Le sue sopracciglia scure ebbero un fremito.
-Non lo so. Lo sono... e basta.
Sentii le costole tremare una a una al suono della sua voce. Avrei voluto udirla più spesso.
-Come... – e si bloccò, il rombo a metà della trachea e l'incertezza nelle parole che grondava tenerezza – ...come siete arrivati qui?
Il tono era gentile, il suo sguardo era gentile, lui era gentile. E c'era qualcosa dentro di me che sapeva che, anche volendo, non sarei riuscita a negargli niente. Probabilmente, era solo un effetto collaterale della sua essenza di Demone. O almeno lo speravo.

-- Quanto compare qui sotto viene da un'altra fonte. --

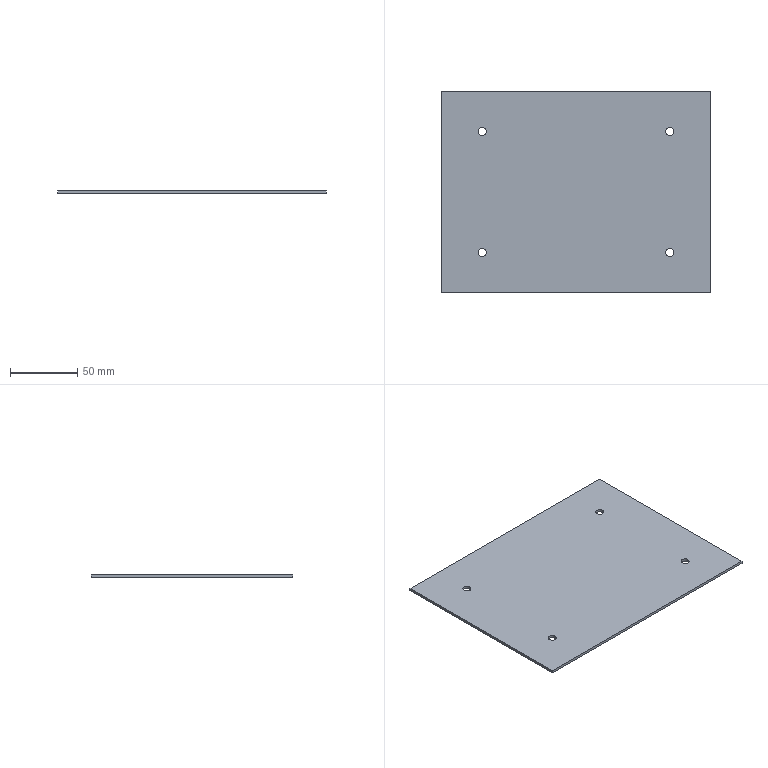Component | SolidWorks | RearFixingPlate-1 | 1 solid | 14 faces | box 200 x 150 x 2 mm | volume 59774 mm3 | cylinder 8 | plane 6 | commonest cylinder face diameters 6 x8
build123d program:
from build123d import *

# Parameters (mm, degrees)
SKETCH1_W           = 200
SKETCH1_H           = 150
SKETCH1_R           = 3
BOSS_EXTRUDE1_DEPTH = 2


with BuildPart() as part:
    # Sketch1 → Boss-Extrude1 (new body)
    with BuildSketch(Plane.XY):
        with Locations((29.76, 37.801)):
            Rectangle(SKETCH1_W, SKETCH1_H)
        with Locations((-40.24, 82.801)):
            Circle(SKETCH1_R, mode=Mode.SUBTRACT)
        with Locations((99.76, 82.801)):
            Circle(SKETCH1_R, mode=Mode.SUBTRACT)
        with Locations((-40.24, -7.199)):
            Circle(SKETCH1_R, mode=Mode.SUBTRACT)
        with Locations((99.76, -7.199)):
            Circle(SKETCH1_R, mode=Mode.SUBTRACT)
    extrude(amount=BOSS_EXTRUDE1_DEPTH)


solid = part.part

# Placed as in the assembly
solid = solid.moved(Location((218.065, 400.589, -395.236), (0, 0, 0)))
STEP:
#1=COLOUR_RGB('',0.7922,0.8196,0.9333);
#2=FILL_AREA_STYLE_COLOUR('',#1);
#3=FILL_AREA_STYLE('',(#2));
#4=SURFACE_STYLE_FILL_AREA(#3);
#5=SURFACE_SIDE_STYLE('',(#4));
#6=SURFACE_STYLE_USAGE(.BOTH.,#5);
#7=PRESENTATION_STYLE_ASSIGNMENT((#6));
#8=CARTESIAN_POINT('',(12.395,15.488,-15.482));
#9=VERTEX_POINT('',#8);
#10=CARTESIAN_POINT('',(12.631,15.488,-15.482));
#11=VERTEX_POINT('',#10);
#12=CARTESIAN_POINT('',(12.513,15.488,-15.482));
#13=DIRECTION('',(0.,0.,1.));
#14=DIRECTION('',(1.,0.,0.));
#15=AXIS2_PLACEMENT_3D('',#12,#13,#14);
#16=CIRCLE('',#15,0.1181);
#17=EDGE_CURVE('',#9,#11,#16,.T.);
#18=ORIENTED_EDGE('',*,*,#17,.T.);
#19=CARTESIAN_POINT('',(12.631,15.488,-15.56));
#20=VERTEX_POINT('',#19);
#21=CARTESIAN_POINT('',(12.631,15.488,-15.482));
#22=DIRECTION('',(0.,0.,-1.));
#23=VECTOR('',#22,39.37);
#24=LINE('',#21,#23);
#25=EDGE_CURVE('',#11,#20,#24,.T.);
#26=ORIENTED_EDGE('',*,*,#25,.T.);
#27=CARTESIAN_POINT('',(12.395,15.488,-15.56));
#28=VERTEX_POINT('',#27);
#29=CARTESIAN_POINT('',(12.513,15.488,-15.56));
#30=DIRECTION('',(0.,0.,1.));
#31=DIRECTION('',(1.,0.,0.));
#32=AXIS2_PLACEMENT_3D('',#29,#30,#31);
#33=CIRCLE('',#32,0.1181);
#34=EDGE_CURVE('',#28,#20,#33,.T.);
#35=ORIENTED_EDGE('',*,*,#34,.F.);
#36=CARTESIAN_POINT('',(12.395,15.488,-15.482));
#37=DIRECTION('',(0.,0.,-1.));
#38=VECTOR('',#37,39.37);
#39=LINE('',#36,#38);
#40=EDGE_CURVE('',#9,#28,#39,.T.);
#41=ORIENTED_EDGE('',*,*,#40,.F.);
#42=EDGE_LOOP('',(#18,#26,#35,#41));
#43=FACE_OUTER_BOUND('',#42,.T.);
#44=CARTESIAN_POINT('',(12.513,15.488,-15.482));
#45=DIRECTION('',(0.,0.,-1.));
#46=DIRECTION('',(-1.,0.,0.));
#47=AXIS2_PLACEMENT_3D('',#44,#45,#46);
#48=CYLINDRICAL_SURFACE('',#47,0.1181);
#49=ADVANCED_FACE('',(#43),#48,.F.);
#50=CARTESIAN_POINT('',(6.883,15.488,-15.482));
#51=VERTEX_POINT('',#50);
#52=CARTESIAN_POINT('',(7.119,15.488,-15.482));
#53=VERTEX_POINT('',#52);
#54=CARTESIAN_POINT('',(7.001,15.488,-15.482));
#55=DIRECTION('',(0.,0.,1.));
#56=DIRECTION('',(1.,0.,0.));
#57=AXIS2_PLACEMENT_3D('',#54,#55,#56);
#58=CIRCLE('',#57,0.1181);
#59=EDGE_CURVE('',#51,#53,#58,.T.);
#60=ORIENTED_EDGE('',*,*,#59,.T.);
#61=CARTESIAN_POINT('',(7.119,15.488,-15.56));
#62=VERTEX_POINT('',#61);
#63=CARTESIAN_POINT('',(7.119,15.488,-15.482));
#64=DIRECTION('',(0.,0.,-1.));
#65=VECTOR('',#64,39.37);
#66=LINE('',#63,#65);
#67=EDGE_CURVE('',#53,#62,#66,.T.);
#68=ORIENTED_EDGE('',*,*,#67,.T.);
#69=CARTESIAN_POINT('',(6.883,15.488,-15.56));
#70=VERTEX_POINT('',#69);
#71=CARTESIAN_POINT('',(7.001,15.488,-15.56));
#72=DIRECTION('',(0.,0.,1.));
#73=DIRECTION('',(1.,0.,0.));
#74=AXIS2_PLACEMENT_3D('',#71,#72,#73);
#75=CIRCLE('',#74,0.1181);
#76=EDGE_CURVE('',#70,#62,#75,.T.);
#77=ORIENTED_EDGE('',*,*,#76,.F.);
#78=CARTESIAN_POINT('',(6.883,15.488,-15.482));
#79=DIRECTION('',(0.,0.,-1.));
#80=VECTOR('',#79,39.37);
#81=LINE('',#78,#80);
#82=EDGE_CURVE('',#51,#70,#81,.T.);
#83=ORIENTED_EDGE('',*,*,#82,.F.);
#84=EDGE_LOOP('',(#60,#68,#77,#83));
#85=FACE_OUTER_BOUND('',#84,.T.);
#86=CARTESIAN_POINT('',(7.001,15.488,-15.482));
#87=DIRECTION('',(0.,0.,-1.));
#88=DIRECTION('',(-1.,0.,0.));
#89=AXIS2_PLACEMENT_3D('',#86,#87,#88);
#90=CYLINDRICAL_SURFACE('',#89,0.1181);
#91=ADVANCED_FACE('',(#85),#90,.F.);
#92=CARTESIAN_POINT('',(12.395,19.031,-15.482));
#93=VERTEX_POINT('',#92);
#94=CARTESIAN_POINT('',(12.631,19.031,-15.482));
#95=VERTEX_POINT('',#94);
#96=CARTESIAN_POINT('',(12.513,19.031,-15.482));
#97=DIRECTION('',(0.,0.,1.));
#98=DIRECTION('',(1.,0.,0.));
#99=AXIS2_PLACEMENT_3D('',#96,#97,#98);
#100=CIRCLE('',#99,0.1181);
#101=EDGE_CURVE('',#93,#95,#100,.T.);
#102=ORIENTED_EDGE('',*,*,#101,.T.);
#103=CARTESIAN_POINT('',(12.631,19.031,-15.56));
#104=VERTEX_POINT('',#103);
#105=CARTESIAN_POINT('',(12.631,19.031,-15.482));
#106=DIRECTION('',(0.,0.,-1.));
#107=VECTOR('',#106,39.37);
#108=LINE('',#105,#107);
#109=EDGE_CURVE('',#95,#104,#108,.T.);
#110=ORIENTED_EDGE('',*,*,#109,.T.);
#111=CARTESIAN_POINT('',(12.395,19.031,-15.56));
#112=VERTEX_POINT('',#111);
#113=CARTESIAN_POINT('',(12.513,19.031,-15.56));
#114=DIRECTION('',(0.,0.,1.));
#115=DIRECTION('',(1.,0.,0.));
#116=AXIS2_PLACEMENT_3D('',#113,#114,#115);
#117=CIRCLE('',#116,0.1181);
#118=EDGE_CURVE('',#112,#104,#117,.T.);
#119=ORIENTED_EDGE('',*,*,#118,.F.);
#120=CARTESIAN_POINT('',(12.395,19.031,-15.482));
#121=DIRECTION('',(0.,0.,-1.));
#122=VECTOR('',#121,39.37);
#123=LINE('',#120,#122);
#124=EDGE_CURVE('',#93,#112,#123,.T.);
#125=ORIENTED_EDGE('',*,*,#124,.F.);
#126=EDGE_LOOP('',(#102,#110,#119,#125));
#127=FACE_OUTER_BOUND('',#126,.T.);
#128=CARTESIAN_POINT('',(12.513,19.031,-15.482));
#129=DIRECTION('',(0.,0.,-1.));
#130=DIRECTION('',(-1.,0.,0.));
#131=AXIS2_PLACEMENT_3D('',#128,#129,#130);
#132=CYLINDRICAL_SURFACE('',#131,0.1181);
#133=ADVANCED_FACE('',(#127),#132,.F.);
#134=CARTESIAN_POINT('',(6.883,19.031,-15.482));
#135=VERTEX_POINT('',#134);
#136=CARTESIAN_POINT('',(7.119,19.031,-15.482));
#137=VERTEX_POINT('',#136);
#138=CARTESIAN_POINT('',(7.001,19.031,-15.482));
#139=DIRECTION('',(0.,0.,1.));
#140=DIRECTION('',(1.,0.,0.));
#141=AXIS2_PLACEMENT_3D('',#138,#139,#140);
#142=CIRCLE('',#141,0.1181);
#143=EDGE_CURVE('',#135,#137,#142,.T.);
#144=ORIENTED_EDGE('',*,*,#143,.T.);
#145=CARTESIAN_POINT('',(7.119,19.031,-15.56));
#146=VERTEX_POINT('',#145);
#147=CARTESIAN_POINT('',(7.119,19.031,-15.482));
#148=DIRECTION('',(0.,0.,-1.));
#149=VECTOR('',#148,39.37);
#150=LINE('',#147,#149);
#151=EDGE_CURVE('',#137,#146,#150,.T.);
#152=ORIENTED_EDGE('',*,*,#151,.T.);
#153=CARTESIAN_POINT('',(6.883,19.031,-15.56));
#154=VERTEX_POINT('',#153);
#155=CARTESIAN_POINT('',(7.001,19.031,-15.56));
#156=DIRECTION('',(0.,0.,1.));
#157=DIRECTION('',(1.,0.,0.));
#158=AXIS2_PLACEMENT_3D('',#155,#156,#157);
#159=CIRCLE('',#158,0.1181);
#160=EDGE_CURVE('',#154,#146,#159,.T.);
#161=ORIENTED_EDGE('',*,*,#160,.F.);
#162=CARTESIAN_POINT('',(6.883,19.031,-15.482));
#163=DIRECTION('',(0.,0.,-1.));
#164=VECTOR('',#163,39.37);
#165=LINE('',#162,#164);
#166=EDGE_CURVE('',#135,#154,#165,.T.);
#167=ORIENTED_EDGE('',*,*,#166,.F.);
#168=EDGE_LOOP('',(#144,#152,#161,#167));
#169=FACE_OUTER_BOUND('',#168,.T.);
#170=CARTESIAN_POINT('',(7.001,19.031,-15.482));
#171=DIRECTION('',(0.,0.,-1.));
#172=DIRECTION('',(-1.,0.,0.));
#173=AXIS2_PLACEMENT_3D('',#170,#171,#172);
#174=CYLINDRICAL_SURFACE('',#173,0.1181);
#175=ADVANCED_FACE('',(#169),#174,.F.);
#176=ORIENTED_EDGE('',*,*,#59,.F.);
#177=CARTESIAN_POINT('',(7.001,15.488,-15.482));
#178=DIRECTION('',(0.,0.,1.));
#179=DIRECTION('',(1.,0.,0.));
#180=AXIS2_PLACEMENT_3D('',#177,#178,#179);
#181=CIRCLE('',#180,0.1181);
#182=EDGE_CURVE('',#53,#51,#181,.T.);
#183=ORIENTED_EDGE('',*,*,#182,.F.);
#184=EDGE_LOOP('',(#176,#183));
#185=FACE_BOUND('',#184,.T.);
#186=ORIENTED_EDGE('',*,*,#143,.F.);
#187=CARTESIAN_POINT('',(7.001,19.031,-15.482));
#188=DIRECTION('',(0.,0.,1.));
#189=DIRECTION('',(1.,0.,0.));
#190=AXIS2_PLACEMENT_3D('',#187,#188,#189);
#191=CIRCLE('',#190,0.1181);
#192=EDGE_CURVE('',#137,#135,#191,.T.);
#193=ORIENTED_EDGE('',*,*,#192,.F.);
#194=EDGE_LOOP('',(#186,#193));
#195=FACE_BOUND('',#194,.T.);
#196=CARTESIAN_POINT('',(5.82,20.212,-15.482));
#197=VERTEX_POINT('',#196);
#198=CARTESIAN_POINT('',(5.82,14.307,-15.482));
#199=VERTEX_POINT('',#198);
#200=CARTESIAN_POINT('',(5.82,20.212,-15.482));
#201=DIRECTION('',(0.,-1.,0.));
#202=VECTOR('',#201,39.37);
#203=LINE('',#200,#202);
#204=EDGE_CURVE('',#197,#199,#203,.T.);
#205=ORIENTED_EDGE('',*,*,#204,.T.);
#206=CARTESIAN_POINT('',(13.694,14.307,-15.482));
#207=VERTEX_POINT('',#206);
#208=CARTESIAN_POINT('',(5.82,14.307,-15.482));
#209=DIRECTION('',(1.,0.,0.));
#210=VECTOR('',#209,39.37);
#211=LINE('',#208,#210);
#212=EDGE_CURVE('',#199,#207,#211,.T.);
#213=ORIENTED_EDGE('',*,*,#212,.T.);
#214=CARTESIAN_POINT('',(13.694,20.212,-15.482));
#215=VERTEX_POINT('',#214);
#216=CARTESIAN_POINT('',(13.694,20.212,-15.482));
#217=DIRECTION('',(0.,1.,0.));
#218=VECTOR('',#217,39.37);
#219=LINE('',#216,#218);
#220=EDGE_CURVE('',#207,#215,#219,.T.);
#221=ORIENTED_EDGE('',*,*,#220,.T.);
#222=CARTESIAN_POINT('',(5.82,20.212,-15.482));
#223=DIRECTION('',(-1.,-0.,0.));
#224=VECTOR('',#223,39.37);
#225=LINE('',#222,#224);
#226=EDGE_CURVE('',#215,#197,#225,.T.);
#227=ORIENTED_EDGE('',*,*,#226,.T.);
#228=EDGE_LOOP('',(#205,#213,#221,#227));
#229=FACE_OUTER_BOUND('',#228,.T.);
#230=ORIENTED_EDGE('',*,*,#101,.F.);
#231=CARTESIAN_POINT('',(12.513,19.031,-15.482));
#232=DIRECTION('',(0.,0.,1.));
#233=DIRECTION('',(1.,0.,0.));
#234=AXIS2_PLACEMENT_3D('',#231,#232,#233);
#235=CIRCLE('',#234,0.1181);
#236=EDGE_CURVE('',#95,#93,#235,.T.);
#237=ORIENTED_EDGE('',*,*,#236,.F.);
#238=EDGE_LOOP('',(#230,#237));
#239=FACE_BOUND('',#238,.T.);
#240=ORIENTED_EDGE('',*,*,#17,.F.);
#241=CARTESIAN_POINT('',(12.513,15.488,-15.482));
#242=DIRECTION('',(0.,0.,1.));
#243=DIRECTION('',(1.,0.,0.));
#244=AXIS2_PLACEMENT_3D('',#241,#242,#243);
#245=CIRCLE('',#244,0.1181);
#246=EDGE_CURVE('',#11,#9,#245,.T.);
#247=ORIENTED_EDGE('',*,*,#246,.F.);
#248=EDGE_LOOP('',(#240,#247));
#249=FACE_BOUND('',#248,.T.);
#250=CARTESIAN_POINT('',(8.585,15.771,-15.482));
#251=DIRECTION('',(0.,0.,1.));
#252=DIRECTION('',(1.,0.,0.));
#253=AXIS2_PLACEMENT_3D('',#250,#251,#252);
#254=PLANE('',#253);
#255=ADVANCED_FACE('',(#185,#195,#229,#239,#249),#254,.T.);
#256=CARTESIAN_POINT('',(5.82,20.212,-15.56));
#257=VERTEX_POINT('',#256);
#258=CARTESIAN_POINT('',(5.82,14.307,-15.56));
#259=VERTEX_POINT('',#258);
#260=CARTESIAN_POINT('',(5.82,20.212,-15.56));
#261=DIRECTION('',(0.,-1.,0.));
#262=VECTOR('',#261,39.37);
#263=LINE('',#260,#262);
#264=EDGE_CURVE('',#257,#259,#263,.T.);
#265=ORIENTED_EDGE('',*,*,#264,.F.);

Gli raccontai tutto: dall'incontro con Danny, alle Gallerie della Morte; dall'arrivo a Brahar, alla nostra ammissione tra i Ribelli. Omisi solo la conversazione avuta in privato con il pirata, di cui nemmeno Gregor sapeva nulla. Volevo tenerla per me ancora un po'.
Ivan era un buon ascoltatore. Rimase in silenzio tutto il tempo, deciso a non perdersi nemmeno una singola sillaba di quanto gli stavo dicendo. Era strano il modo in cui mi ascoltava: mi guardava senza battere le palpebre, gli occhi penetranti fissi su di me e le spalle tese in avanti, in tensione quasi.
Alla fine, parola dopo parola, racconto dopo racconto, raggiungemmo la nostra destinazione.
La stanza sembrava più piccola ora che c'era Ivan a occuparla. Con la sua stazza imponente proiettava un'ombra scura ed enorme contro la parete, inghiottendo il grigio sterile nel nero delle ali del Demone.
Era seduto sull'angolo del letto, le braccia lungo i fianchi e gli occhi torbidi che si ostinavano a guardare lontano da me.
Mi presi qualche secondo per studiarlo. Era sempre lo stesso di prima, con le mani grandi e la pelle d'inchiostro, ma tagliando i capelli era caduta anche una parte di quella barriera di ghiaccio dietro cui si nascondeva.
Lentamente, mi accostai a lui e, nel farlo, il mio ginocchio sfiorò il suo. Ivan sobbalzò, spostandosi di lato ed evitando il mio tocco.
-Ivan... – mormorai, mentre un refolo abbattuto sgusciava fuori dalle mie labbra contrite. – Perché scappi? Di cosa hai paura?
Non mi aspettavo una risposta, non la volevo neppure. Invece, per una volta, Ivan decise di parlare da solo, senza nessuna forzatura, e i suoi occhi di elettrico cobalto e di suppliche struggenti mi sembrarono meravigliosi come non mai. Disperati come non mai.
-Ho paura di me stesso – soffiò piano, in un sussurro graffiato dalle lacrime e dalla potenza di un tuono. – La mia è una natura di Demone, e i demoni non hanno cura di nulla.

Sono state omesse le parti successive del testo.